There’s a story going around about last year’s surprise devaluation of the Swiss franc. It says the junior FX traders at one of the many European banks which lost millions of dollars that day, just couldn’t cope. “They were absolutely buried,” says Steven Goldstein, a former senior rates and FX trader at Credit Suisse who now runs Chrysalis Performance Coaching. “They lost a lot of money and they lost a lot of clients.”
While all areas of fixed income have suffered from the attrition of senior staff in recent years, departures have been particularly acute in foreign exchange (FX). It’s not just the rise electronic trading systems, which now account for over half the market. Nor is it just the FX trading scandal, which saw a generation of senior FX traders expelled from the City. It’s those things and cost cutting and the decision of some banks to focus their attention elsewhere.
“Some banks have made huge cuts to their FX trading teams over the past few years. They’ve taken a view that it hasn’t made sense to commit to FX and that they want to put their capital and costs to work in other product areas,” says Alex Beresford at Engage Search, an FX recruitment specialist. Which banks are they? Beresford declined to comment, but Morgan Stanley and Credit Suisse have both made big cuts to their macro businesses in the past year, while others – like Barclays and Deutsche Bank, have hiring freezes which prevent them from replacing experienced staff with similarly qualified outsiders when they leave.

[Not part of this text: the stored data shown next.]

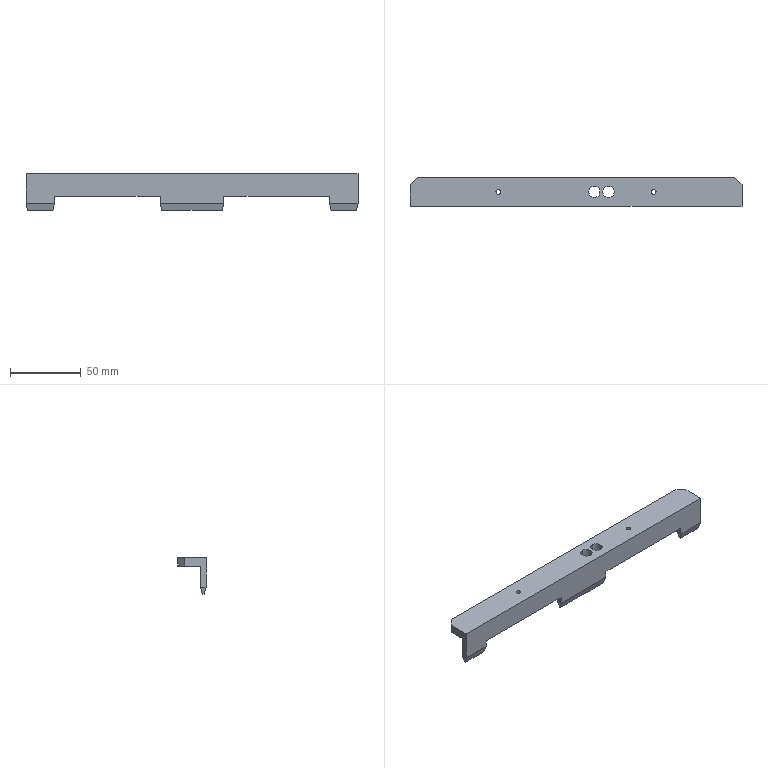Component | SolidWorks | P-SLJ-004-3_P-SLJ-004-004-1 | 1 solid | 38 faces | box 235 x 20 x 26 mm | volume 39477 mm3 | plane 30 | cylinder 8 | commonest cylinder face diameters 8 x4 3.3 x4 | material A3
STEP:
#1=COLOUR_RGB('',0.7922,0.8196,0.9333);
#2=FILL_AREA_STYLE_COLOUR('',#1);
#3=FILL_AREA_STYLE('',(#2));
#4=SURFACE_STYLE_FILL_AREA(#3);
#5=SURFACE_SIDE_STYLE('',(#4));
#6=SURFACE_STYLE_USAGE(.BOTH.,#5);
#7=PRESENTATION_STYLE_ASSIGNMENT((#6));
#8=CARTESIAN_POINT('',(-8.13,-1.614,49.395));
#9=VERTEX_POINT('',#8);
#10=CARTESIAN_POINT('',(-8.13,-1.929,49.395));
#11=VERTEX_POINT('',#10);
#12=CARTESIAN_POINT('',(-8.13,-1.772,49.395));
#13=DIRECTION('',(-0.,-0.,-1.));
#14=DIRECTION('',(0.,-1.,0.));
#15=AXIS2_PLACEMENT_3D('',#12,#13,#14);
#16=CIRCLE('',#15,0.1575);
#17=EDGE_CURVE('',#9,#11,#16,.T.);
#18=ORIENTED_EDGE('',*,*,#17,.F.);
#19=CARTESIAN_POINT('',(-8.13,-1.614,49.159));
#20=VERTEX_POINT('',#19);
#21=CARTESIAN_POINT('',(-8.13,-1.614,49.395));
#22=DIRECTION('',(-0.,-0.,-1.));
#23=VECTOR('',#22,39.37);
#24=LINE('',#21,#23);
#25=EDGE_CURVE('',#9,#20,#24,.T.);
#26=ORIENTED_EDGE('',*,*,#25,.T.);
#27=CARTESIAN_POINT('',(-8.13,-1.929,49.159));
#28=VERTEX_POINT('',#27);
#29=CARTESIAN_POINT('',(-8.13,-1.772,49.159));
#30=DIRECTION('',(-0.,-0.,-1.));
#31=DIRECTION('',(0.,-1.,0.));
#32=AXIS2_PLACEMENT_3D('',#29,#30,#31);
#33=CIRCLE('',#32,0.1575);
#34=EDGE_CURVE('',#20,#28,#33,.T.);
#35=ORIENTED_EDGE('',*,*,#34,.T.);
#36=CARTESIAN_POINT('',(-8.13,-1.929,49.395));
#37=DIRECTION('',(-0.,-0.,-1.));
#38=VECTOR('',#37,39.37);
#39=LINE('',#36,#38);
#40=EDGE_CURVE('',#11,#28,#39,.T.);
#41=ORIENTED_EDGE('',*,*,#40,.F.);
#42=EDGE_LOOP('',(#18,#26,#35,#41));
#43=FACE_OUTER_BOUND('',#42,.T.);
#44=CARTESIAN_POINT('',(-8.13,-1.772,49.395));
#45=DIRECTION('',(-0.,-0.,-1.));
#46=DIRECTION('',(0.,-1.,0.));
#47=AXIS2_PLACEMENT_3D('',#44,#45,#46);
#48=CYLINDRICAL_SURFACE('',#47,0.1575);
#49=ADVANCED_FACE('',(#43),#48,.F.);
#50=CARTESIAN_POINT('',(-7.736,-1.614,49.395));
#51=VERTEX_POINT('',#50);
#52=CARTESIAN_POINT('',(-7.736,-1.929,49.395));
#53=VERTEX_POINT('',#52);
#54=CARTESIAN_POINT('',(-7.736,-1.772,49.395));
#55=DIRECTION('',(-0.,-0.,-1.));
#56=DIRECTION('',(0.,-1.,0.));
#57=AXIS2_PLACEMENT_3D('',#54,#55,#56);
#58=CIRCLE('',#57,0.1575);
#59=EDGE_CURVE('',#51,#53,#58,.T.);
#60=ORIENTED_EDGE('',*,*,#59,.F.);
#61=CARTESIAN_POINT('',(-7.736,-1.614,49.159));
#62=VERTEX_POINT('',#61);
#63=CARTESIAN_POINT('',(-7.736,-1.614,49.395));
#64=DIRECTION('',(-0.,-0.,-1.));
#65=VECTOR('',#64,39.37);
#66=LINE('',#63,#65);
#67=EDGE_CURVE('',#51,#62,#66,.T.);
#68=ORIENTED_EDGE('',*,*,#67,.T.);
#69=CARTESIAN_POINT('',(-7.736,-1.929,49.159));
#70=VERTEX_POINT('',#69);
#71=CARTESIAN_POINT('',(-7.736,-1.772,49.159));
#72=DIRECTION('',(-0.,-0.,-1.));
#73=DIRECTION('',(0.,-1.,0.));
#74=AXIS2_PLACEMENT_3D('',#71,#72,#73);
#75=CIRCLE('',#74,0.1575);
#76=EDGE_CURVE('',#62,#70,#75,.T.);
#77=ORIENTED_EDGE('',*,*,#76,.T.);
#78=CARTESIAN_POINT('',(-7.736,-1.929,49.395));
#79=DIRECTION('',(-0.,-0.,-1.));
#80=VECTOR('',#79,39.37);
#81=LINE('',#78,#80);
#82=EDGE_CURVE('',#53,#70,#81,.T.);
#83=ORIENTED_EDGE('',*,*,#82,.F.);
#84=EDGE_LOOP('',(#60,#68,#77,#83));
#85=FACE_OUTER_BOUND('',#84,.T.);
#86=CARTESIAN_POINT('',(-7.736,-1.772,49.395));
#87=DIRECTION('',(-0.,-0.,-1.));
#88=DIRECTION('',(0.,-1.,0.));
#89=AXIS2_PLACEMENT_3D('',#86,#87,#88);
#90=CYLINDRICAL_SURFACE('',#89,0.1575);
#91=ADVANCED_FACE('',(#85),#90,.F.);
#92=CARTESIAN_POINT('',(-10.872,-1.772,49.159));
#93=VERTEX_POINT('',#92);
#94=CARTESIAN_POINT('',(-10.742,-1.772,49.159));
#95=VERTEX_POINT('',#94);
#96=CARTESIAN_POINT('',(-10.807,-1.772,49.159));
#97=DIRECTION('',(0.,0.,1.));
#98=DIRECTION('',(0.,1.,0.));
#99=AXIS2_PLACEMENT_3D('',#96,#97,#98);
#100=CIRCLE('',#99,0.06496);
#101=EDGE_CURVE('',#93,#95,#100,.T.);
#102=ORIENTED_EDGE('',*,*,#101,.F.);
#103=CARTESIAN_POINT('',(-10.872,-1.772,49.395));
#104=VERTEX_POINT('',#103);
#105=CARTESIAN_POINT('',(-10.872,-1.772,49.395));
#106=DIRECTION('',(0.,-0.,1.));
#107=VECTOR('',#106,39.37);
#108=LINE('',#105,#107);
#109=EDGE_CURVE('',#93,#104,#108,.T.);
#110=ORIENTED_EDGE('',*,*,#109,.T.);
#111=CARTESIAN_POINT('',(-10.742,-1.772,49.395));
#112=VERTEX_POINT('',#111);
#113=CARTESIAN_POINT('',(-10.807,-1.772,49.395));
#114=DIRECTION('',(0.,-0.,1.));
#115=DIRECTION('',(1.,0.,0.));
#116=AXIS2_PLACEMENT_3D('',#113,#114,#115);
#117=CIRCLE('',#116,0.06496);
#118=EDGE_CURVE('',#104,#112,#117,.T.);
#119=ORIENTED_EDGE('',*,*,#118,.T.);
#120=CARTESIAN_POINT('',(-10.742,-1.772,49.395));
#121=DIRECTION('',(0.,-0.,1.));
#122=VECTOR('',#121,39.37);
#123=LINE('',#120,#122);
#124=EDGE_CURVE('',#95,#112,#123,.T.);
#125=ORIENTED_EDGE('',*,*,#124,.F.);
#126=EDGE_LOOP('',(#102,#110,#119,#125));
#127=FACE_OUTER_BOUND('',#126,.T.);
#128=CARTESIAN_POINT('',(-10.807,-1.772,49.395));
#129=DIRECTION('',(0.,-0.,1.));
#130=DIRECTION('',(1.,0.,0.));
#131=AXIS2_PLACEMENT_3D('',#128,#129,#130);
#132=CYLINDRICAL_SURFACE('',#131,0.06496);
#133=ADVANCED_FACE('',(#127),#132,.F.);
#134=CARTESIAN_POINT('',(-6.541,-1.772,49.159));
#135=VERTEX_POINT('',#134);
#136=CARTESIAN_POINT('',(-6.411,-1.772,49.159));
#137=VERTEX_POINT('',#136);
#138=CARTESIAN_POINT('',(-6.476,-1.772,49.159));
#139=DIRECTION('',(0.,0.,1.));
#140=DIRECTION('',(0.,1.,0.));
#141=AXIS2_PLACEMENT_3D('',#138,#139,#140);
#142=CIRCLE('',#141,0.06496);
#143=EDGE_CURVE('',#135,#137,#142,.T.);
#144=ORIENTED_EDGE('',*,*,#143,.F.);
#145=CARTESIAN_POINT('',(-6.541,-1.772,49.395));
#146=VERTEX_POINT('',#145);
#147=CARTESIAN_POINT('',(-6.541,-1.772,49.395));
#148=DIRECTION('',(0.,-0.,1.));
#149=VECTOR('',#148,39.37);
#150=LINE('',#147,#149);
#151=EDGE_CURVE('',#135,#146,#150,.T.);
#152=ORIENTED_EDGE('',*,*,#151,.T.);
#153=CARTESIAN_POINT('',(-6.411,-1.772,49.395));
#154=VERTEX_POINT('',#153);
#155=CARTESIAN_POINT('',(-6.476,-1.772,49.395));
#156=DIRECTION('',(0.,-0.,1.));
#157=DIRECTION('',(1.,0.,0.));
#158=AXIS2_PLACEMENT_3D('',#155,#156,#157);
#159=CIRCLE('',#158,0.06496);
#160=EDGE_CURVE('',#146,#154,#159,.T.);
#161=ORIENTED_EDGE('',*,*,#160,.T.);
#162=CARTESIAN_POINT('',(-6.411,-1.772,49.395));
#163=DIRECTION('',(0.,-0.,1.));
#164=VECTOR('',#163,39.37);
#165=LINE('',#162,#164);
#166=EDGE_CURVE('',#137,#154,#165,.T.);
#167=ORIENTED_EDGE('',*,*,#166,.F.);
#168=EDGE_LOOP('',(#144,#152,#161,#167));
#169=FACE_OUTER_BOUND('',#168,.T.);
#170=CARTESIAN_POINT('',(-6.476,-1.772,49.395));
#171=DIRECTION('',(0.,-0.,1.));
#172=DIRECTION('',(1.,0.,0.));
#173=AXIS2_PLACEMENT_3D('',#170,#171,#172);
#174=CYLINDRICAL_SURFACE('',#173,0.06496);
#175=ADVANCED_FACE('',(#169),#174,.F.);
#176=CARTESIAN_POINT('',(-9.488,-2.067,48.371));
#177=VERTEX_POINT('',#176);
#178=CARTESIAN_POINT('',(-7.795,-2.067,48.371));
#179=VERTEX_POINT('',#178);
#180=CARTESIAN_POINT('',(-13.268,-2.067,48.371));
#181=DIRECTION('',(1.,-0.,-0.));
#182=VECTOR('',#181,39.37);
#183=LINE('',#180,#182);
#184=EDGE_CURVE('',#177,#179,#183,.T.);
#185=ORIENTED_EDGE('',*,*,#184,.F.);
#186=CARTESIAN_POINT('',(-9.528,-2.008,48.568));
#187=VERTEX_POINT('',#186);
#188=CARTESIAN_POINT('',(-9.483,-2.075,48.345));
#189=DIRECTION('',(-0.1881,0.2822,0.9407));
#190=VECTOR('',#189,39.37);
#191=LINE('',#188,#190);
#192=EDGE_CURVE('',#177,#187,#191,.T.);
#193=ORIENTED_EDGE('',*,*,#192,.T.);
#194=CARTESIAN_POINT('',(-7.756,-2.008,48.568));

Lex Van Dam, an FX trader and former head of the proprietary trading desk at Goldman Sachs, says it’s not just senior staff who are lacking – banks have gouged out mid-level talent from their FX trading operations. “In a good army, you want generals, mid-ranking officers, and soldiers. Now, banks have generals and soldiers, but there’s no one between. The mid-level people have mostly gone.”
This is fine – as long as electronic systems are doing the heavy lifting. But when electronic systems are overwhelmed, as during the Swiss franc devaluation, human beings come into their own.
“One of the banks I coach for kept a lot of their senior FX staff – people with 20 or 30 years’ experience,” says Goldstein. “They made a lot of money in January 2015. They provided a fantastic service to clients and got them some excellent prices. ” By comparison, Goldstein says the banks which struggled during the Swiss franc event were those which had dumped their senior people in the preceding months: “One bank took the decision to go all out on electronic trading. It cleared the house of experienced people to reduce costs, put in an electronic system and thought it could train up juniors to run it. They were fine, until the volatility hit.” He compares it to autopilot on planes: “There are times when human beings need to take control.”
If Britain votes to leave the European Union, both SocGen and UBS have warned that they may be unable to make markets tomorrow. Experienced traders say the new market structure could make things worse: “A lot of senior traders have been fired in the past few years and the market is more illiquid,” says a senior FX options trader at one European bank. “Banks don’t store risk on their book any more – they try to intermediate it as much as possible, and combined with the tendency of electronically driven trades to overshoot, this has greatly increased volatility,” he adds.
Paul Chappell, chief investment officer and portfolio manager at Currency View, an FX-focused fund manager, says ‘Brexit’ will amount to a stress test of the new structure of the FX market. “As the shape of the FX market changed, and an increasing proportion of trading began to take place electronically, banks divested themselves of senior people with experience of challenging markets. Tomorrow will be a test of that,” he tells us.
In this sense, the Swiss franc experience doesn’t augur well. “If electronic systems are overwhelmed, you could be back to a situation where people are manually making prices and trading – basically back to how to used to be,” says Chappell. – Except that banks lack experienced staff to work with top clients. “I know one client who still has trouble saying the name of one bank after the Swiss franc fiasco,” says Goldstein. “The inexperienced traders there only told him at the end of the day that his order had been cancelled and put back in at a different price.”
And if Britain does vote to leave and you’re a 20-something trader dealing with a barrage of panicked and frustrated clients tomorrow? You might want to take a step back. During Black Monday in 1987, Goldstein said some brokers simply didn’t answer their phones: “They couldn’t handle the volatility and they knew they couldn’t make a price to customers.” In those circumstances, it can be better to bury your head than put yourself in the firing line, however much experience you have.